Figure 2: ViT transfer learning experiments. We use LoGAH trained on CIFAR-10 (resp. CIFAR-100) to predict ViT's parameters, then ViT is trained on CIFAR-100 (resp. ImageNet). T, S, B and L denotes Tiny, Small, Base and Large versions of LoGAH respectively.

The experiments extend to transfer learning scenarios, showcasing LoGAH’s capability to predict parameters that adapt well to harder datasets, warranting improved model performance when transitioning across different data distributions, including those significantly larger than the training set. These results suggest that LoGAH’s approach to parameter prediction allows for scalable learning with reduced pretraining costs.

Parameter Diversity

The paper highlights the diversity of parameters predicted by LoGAH, emphasizing its ability to generate varied initialization states that enhance model convergence on downstream tasks. This diversity is particularly notable in challenging tasks where traditional random initialization may fall short.

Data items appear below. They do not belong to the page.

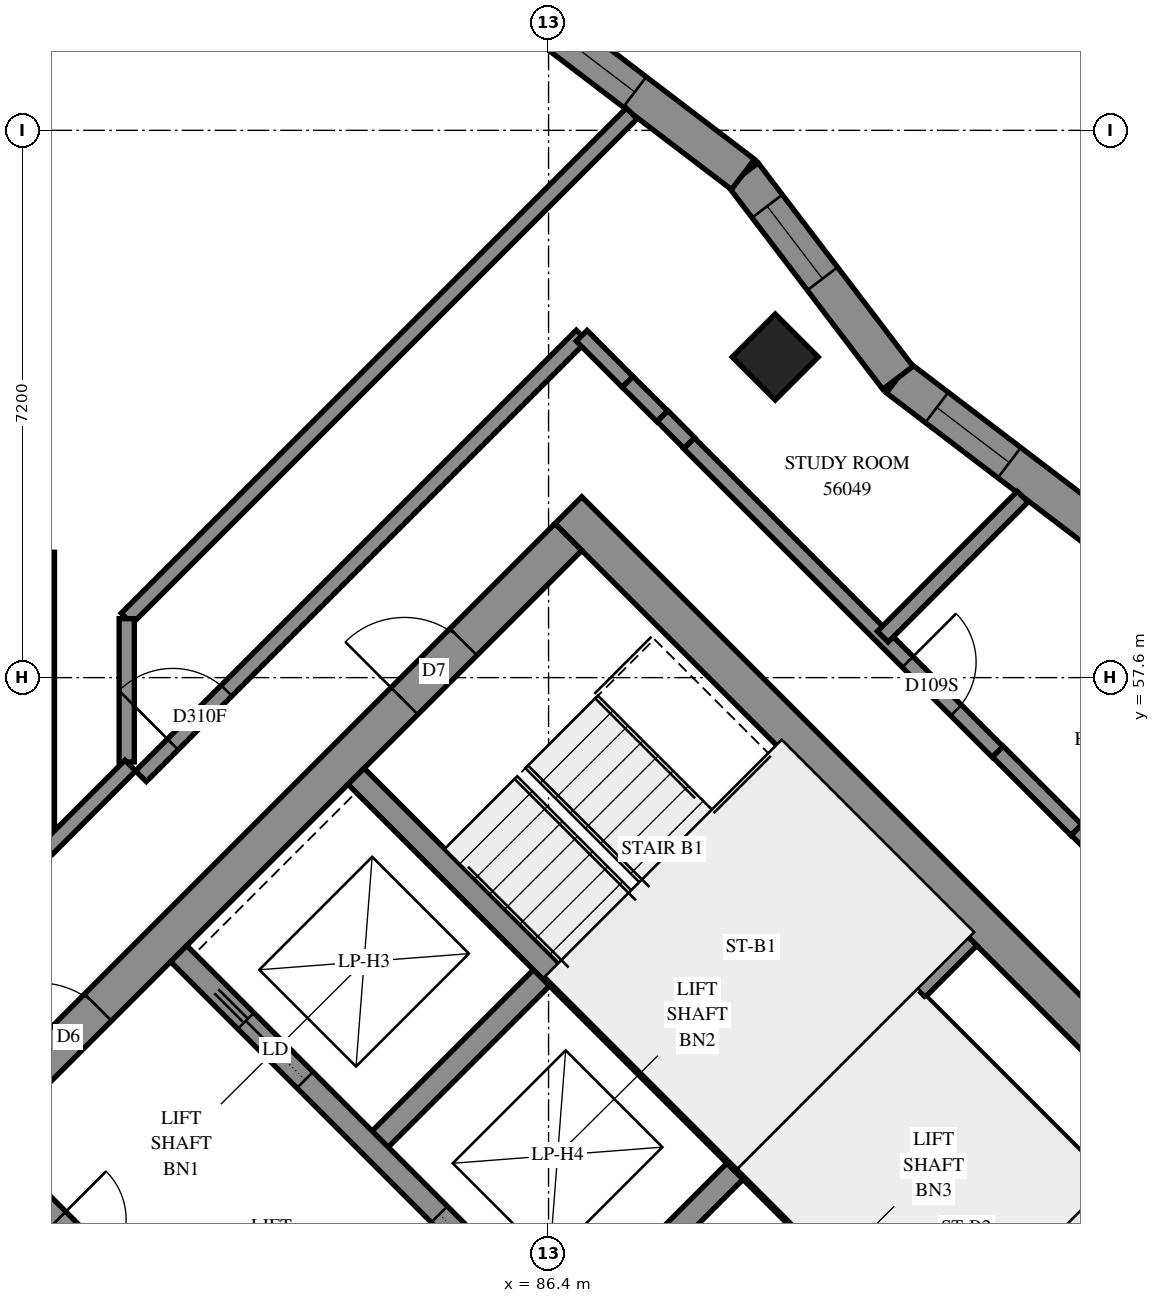
"""IFC4 building model, lengths in metres.
Left out: names, types, materials, properties, quantities, classifications, styles, units other than length and angle.
Written with IfcOpenShell. Run it as: python <this file> out.ifc"""

import sys

from ifc_helpers import new_model, si_unit, direction, frame, frame_2d, origin, origin_2d, place, context, subcontext, project, spatial, polyline, rectangle, outline, extrude, element, fill, save


model = new_model("IFC4")
c1 = context("Model", 3, precision=1e-05, world=origin(), true_north=direction((0.0, 1.0)))
c2 = subcontext(c1, "Body", "Model", "MODEL_VIEW")
j1 = project(units=[si_unit("LENGTHUNIT", "METRE"), si_unit("PLANEANGLEUNIT", "RADIAN")], contexts=[c1])
p1 = place(None, origin())
s1 = spatial("IfcSite", under=j1, at=p1, CompositionType="ELEMENT")
p2 = place(p1, origin())
s2 = spatial("IfcBuilding", under=s1, at=p2, CompositionType="ELEMENT")
p3 = place(p2, frame((0.0, 0.0, 206.6)))
s3 = spatial("IfcBuildingStorey", under=s2, at=p3, CompositionType="ELEMENT", Elevation=206.6)
p4 = place(p3, frame((89.382, 61.818, 0.0), z_axis=(0.0, 0.0, 1.0), x_axis=(0.7071067812, -0.7071067812, 0.0)))
e1 = element("IfcColumn", 1, at=p4, inside=s3, PredefinedType="COLUMN", context=c2, shape_type="SweptSolid", body=[
    extrude(rectangle(XDim=0.8, YDim=0.8, at=origin_2d()), origin(), (0.0, 0.0, 1.0), 3.1),
])
p5 = place(p3, frame((86.66, 59.802, -0.3), z_axis=(0.0, 0.0, 1.0), x_axis=(0.7071067812, -0.7071067812, 0.0)))
e2 = element("IfcWall", 2, at=p5, inside=s3, PredefinedType="SHEAR", context=c2, shape_type="SweptSolid", body=[
    extrude(rectangle(XDim=15.4, YDim=0.5, at=frame_2d((7.7, 0.0))), origin(), (0.0, 0.0, 1.0), 2.7),
])
p6 = place(p5, frame((10.5, 0.0, 0.3)))
e3 = element("IfcOpeningElement", 3, at=p6, cuts=e2, PredefinedType="OPENING", context=c2, shape_type="SweptSolid", body=[
    extrude(rectangle(XDim=0.8, YDim=2.1, at=frame_2d((0.4, 1.05))), frame((0.0, 0.26, 0.0), z_axis=(0.0, -1.0, 0.0), x_axis=(1.0, 0.0, 0.0)), (0.0, 0.0, 1.0), 0.52),
])
p7 = place(p3, frame((76.478, 49.267, -0.3), z_axis=(0.0, 0.0, 1.0), x_axis=(0.7071067812, 0.7071067812, 0.0)))
e4 = element("IfcWall", 4, at=p7, inside=s3, PredefinedType="SHEAR", context=c2, shape_type="SweptSolid", body=[
    extrude(rectangle(XDim=14.4, YDim=0.5, at=frame_2d((7.2, 0.0))), origin(), (0.0, 0.0, 1.0), 2.7),
])
p8 = place(p7, frame((4.55, 0.0, 0.3)))
e5 = element("IfcOpeningElement", 5, at=p8, cuts=e4, PredefinedType="OPENING", context=c2, shape_type="SweptSolid", body=[
    extrude(rectangle(XDim=1.1, YDim=2.1, at=frame_2d((0.55, 1.05))), frame((0.0, 0.26, 0.0), z_axis=(0.0, -1.0, 0.0), x_axis=(1.0, 0.0, 0.0)), (0.0, 0.0, 1.0), 0.52),
])
p9 = place(p7, frame((11.35, 0.0, 0.3)))
e6 = element("IfcOpeningElement", 6, at=p9, cuts=e4, PredefinedType="OPENING", context=c2, shape_type="SweptSolid", body=[
    extrude(rectangle(XDim=1.1, YDim=2.1, at=frame_2d((0.55, 1.05))), frame((0.0, 0.26, 0.0), z_axis=(0.0, -1.0, 0.0), x_axis=(1.0, 0.0, 0.0)), (0.0, 0.0, 1.0), 0.52),
])
p10 = place(p3, frame((84.079, 51.423, 0.0), z_axis=(0.0, 0.0, 1.0), x_axis=(0.7071219326, 0.7070916295, 0.0)))
e7 = element("IfcWall", 7, at=p10, inside=s3, PredefinedType="SOLIDWALL", context=c2, shape_type="SweptSolid", body=[
    extrude(rectangle(XDim=3.3, YDim=0.3, at=frame_2d((1.65, 0.0))), origin(), (0.0, 0.0, 1.0), 3.1),
])
p11 = place(p3, frame((86.625, 48.878, 0.0), z_axis=(0.0, 0.0, 1.0), x_axis=(0.7071067812, 0.7071067812, 0.0)))
e8 = element("IfcWall", 8, at=p11, inside=s3, PredefinedType="SOLIDWALL", context=c2, shape_type="SweptSolid", body=[
    extrude(rectangle(XDim=3.3, YDim=0.3, at=frame_2d((1.65, 0.0))), origin(), (0.0, 0.0, 1.0), 3.1),
])
p12 = place(p3, frame((78.988, 51.423, 0.0), z_axis=(0.0, 0.0, 1.0), x_axis=(0.7071067812, -0.7071067812, 0.0)))
e9 = element("IfcWall", 9, at=p12, inside=s3, PredefinedType="SOLIDWALL", context=c2, shape_type="SweptSolid", body=[
    extrude(rectangle(XDim=14.4, YDim=0.3, at=frame_2d((7.2, 0.0))), origin(), (0.0, 0.0, 1.0), 3.1),
])
p13 = place(p12, frame((1.35, 0.0, 0.0)))
e10 = element("IfcOpeningElement", 10, at=p13, cuts=e9, PredefinedType="OPENING", context=c2, shape_type="SweptSolid", body=[
    extrude(rectangle(XDim=0.9, YDim=2.1, at=frame_2d((0.45, 1.05))), frame((0.0, 0.16, 0.0), z_axis=(0.0, -1.0, 0.0), x_axis=(1.0, 0.0, 0.0)), (0.0, 0.0, 1.0), 0.32),
])
p14 = place(p12, frame((4.95, 0.0, 0.0)))
e11 = element("IfcOpeningElement", 11, at=p14, cuts=e9, PredefinedType="OPENING", context=c2, shape_type="SweptSolid", body=[
    extrude(rectangle(XDim=0.9, YDim=2.1, at=frame_2d((0.45, 1.05))), frame((0.0, 0.16, 0.0), z_axis=(0.0, -1.0, 0.0), x_axis=(1.0, 0.0, 0.0)), (0.0, 0.0, 1.0), 0.32),
])
p15 = place(p12, frame((8.55, 0.0, 0.0)))
e12 = element("IfcOpeningElement", 12, at=p15, cuts=e9, PredefinedType="OPENING", context=c2, shape_type="SweptSolid", body=[
    extrude(rectangle(XDim=0.9, YDim=2.1, at=frame_2d((0.45, 1.05))), frame((0.0, 0.16, 0.0), z_axis=(0.0, -1.0, 0.0), x_axis=(1.0, 0.0, 0.0)), (0.0, 0.0, 1.0), 0.32),
])
p16 = place(p12, frame((12.05, 0.0, 0.0)))
e13 = element("IfcOpeningElement", 13, at=p16, cuts=e9, PredefinedType="OPENING", context=c2, shape_type="SweptSolid", body=[
    extrude(rectangle(XDim=1.1, YDim=2.1, at=frame_2d((0.55, 1.05))), frame((0.0, 0.16, 0.0), z_axis=(0.0, -1.0, 0.0), x_axis=(1.0, 0.0, 0.0)), (0.0, 0.0, 1.0), 0.32),
])
p17 = place(p3, frame((81.534, 53.969, 0.0), z_axis=(0.0, 0.0, 1.0), x_axis=(0.707103309, -0.7071102534, 0.0)))
e14 = element("IfcWall", 14, at=p17, inside=s3, PredefinedType="SOLIDWALL", context=c2, shape_type="SweptSolid", body=[
    extrude(rectangle(XDim=14.4, YDim=0.3, at=frame_2d((7.2, 0.0))), origin(), (0.0, 0.0, 1.0), 3.1),
])
p18 = place(p17, frame((1.25, 0.0, 0.0)))
e15 = element("IfcOpeningElement", 15, at=p18, cuts=e14, PredefinedType="OPENING", context=c2, shape_type="SweptSolid", body=[
    extrude(rectangle(XDim=1.1, YDim=2.1, at=frame_2d((0.55, 1.05))), frame((0.0, 0.16, 0.0), z_axis=(0.0, -1.0, 0.0), x_axis=(1.0, 0.0, 0.0)), (0.0, 0.0, 1.0), 0.32),
])
p19 = place(p17, frame((4.85, 0.0, 0.0)))
e16 = element("IfcOpeningElement", 16, at=p19, cuts=e14, PredefinedType="OPENING", context=c2, shape_type="SweptSolid", body=[
    extrude(rectangle(XDim=1.1, YDim=2.1, at=frame_2d((0.55, 1.05))), frame((0.0, 0.16, 0.0), z_axis=(0.0, -1.0, 0.0), x_axis=(1.0, 0.0, 0.0)), (0.0, 0.0, 1.0), 0.32),
])
p20 = place(p17, frame((8.45, 0.0, 0.0)))
e17 = element("IfcOpeningElement", 17, at=p20, cuts=e14, PredefinedType="OPENING", context=c2, shape_type="SweptSolid", body=[
    extrude(rectangle(XDim=1.1, YDim=2.1, at=frame_2d((0.55, 1.05))), frame((0.0, 0.16, 0.0), z_axis=(0.0, -1.0, 0.0), x_axis=(1.0, 0.0, 0.0)), (0.0, 0.0, 1.0), 0.32),
])
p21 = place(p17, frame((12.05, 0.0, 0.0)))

Theoretical and Practical Implications

LoGAH's contributions lie in offering a scalable solution to initializing very large models efficiently, with practical implications for reducing computational expenditure and speeding up the pretraining process in both vision and LLMs. The model supports wider networks without necessitating exponential parameter growth, suggesting potential future developments in AI, where the scale can be increased without proportionally increasing computational costs.

Conclusion

LoGAH presents a significant advancement in hypernetwork-based initialization, facilitating efficient and scalable pretraining of large models like ViTs and GPTs. By reducing the parameters required for predicting Transformer models, the approach opens new avenues for research into hypernetwork applications and large-scale model adaptations, expediting the deployment of sophisticated AI systems with more accessible resources.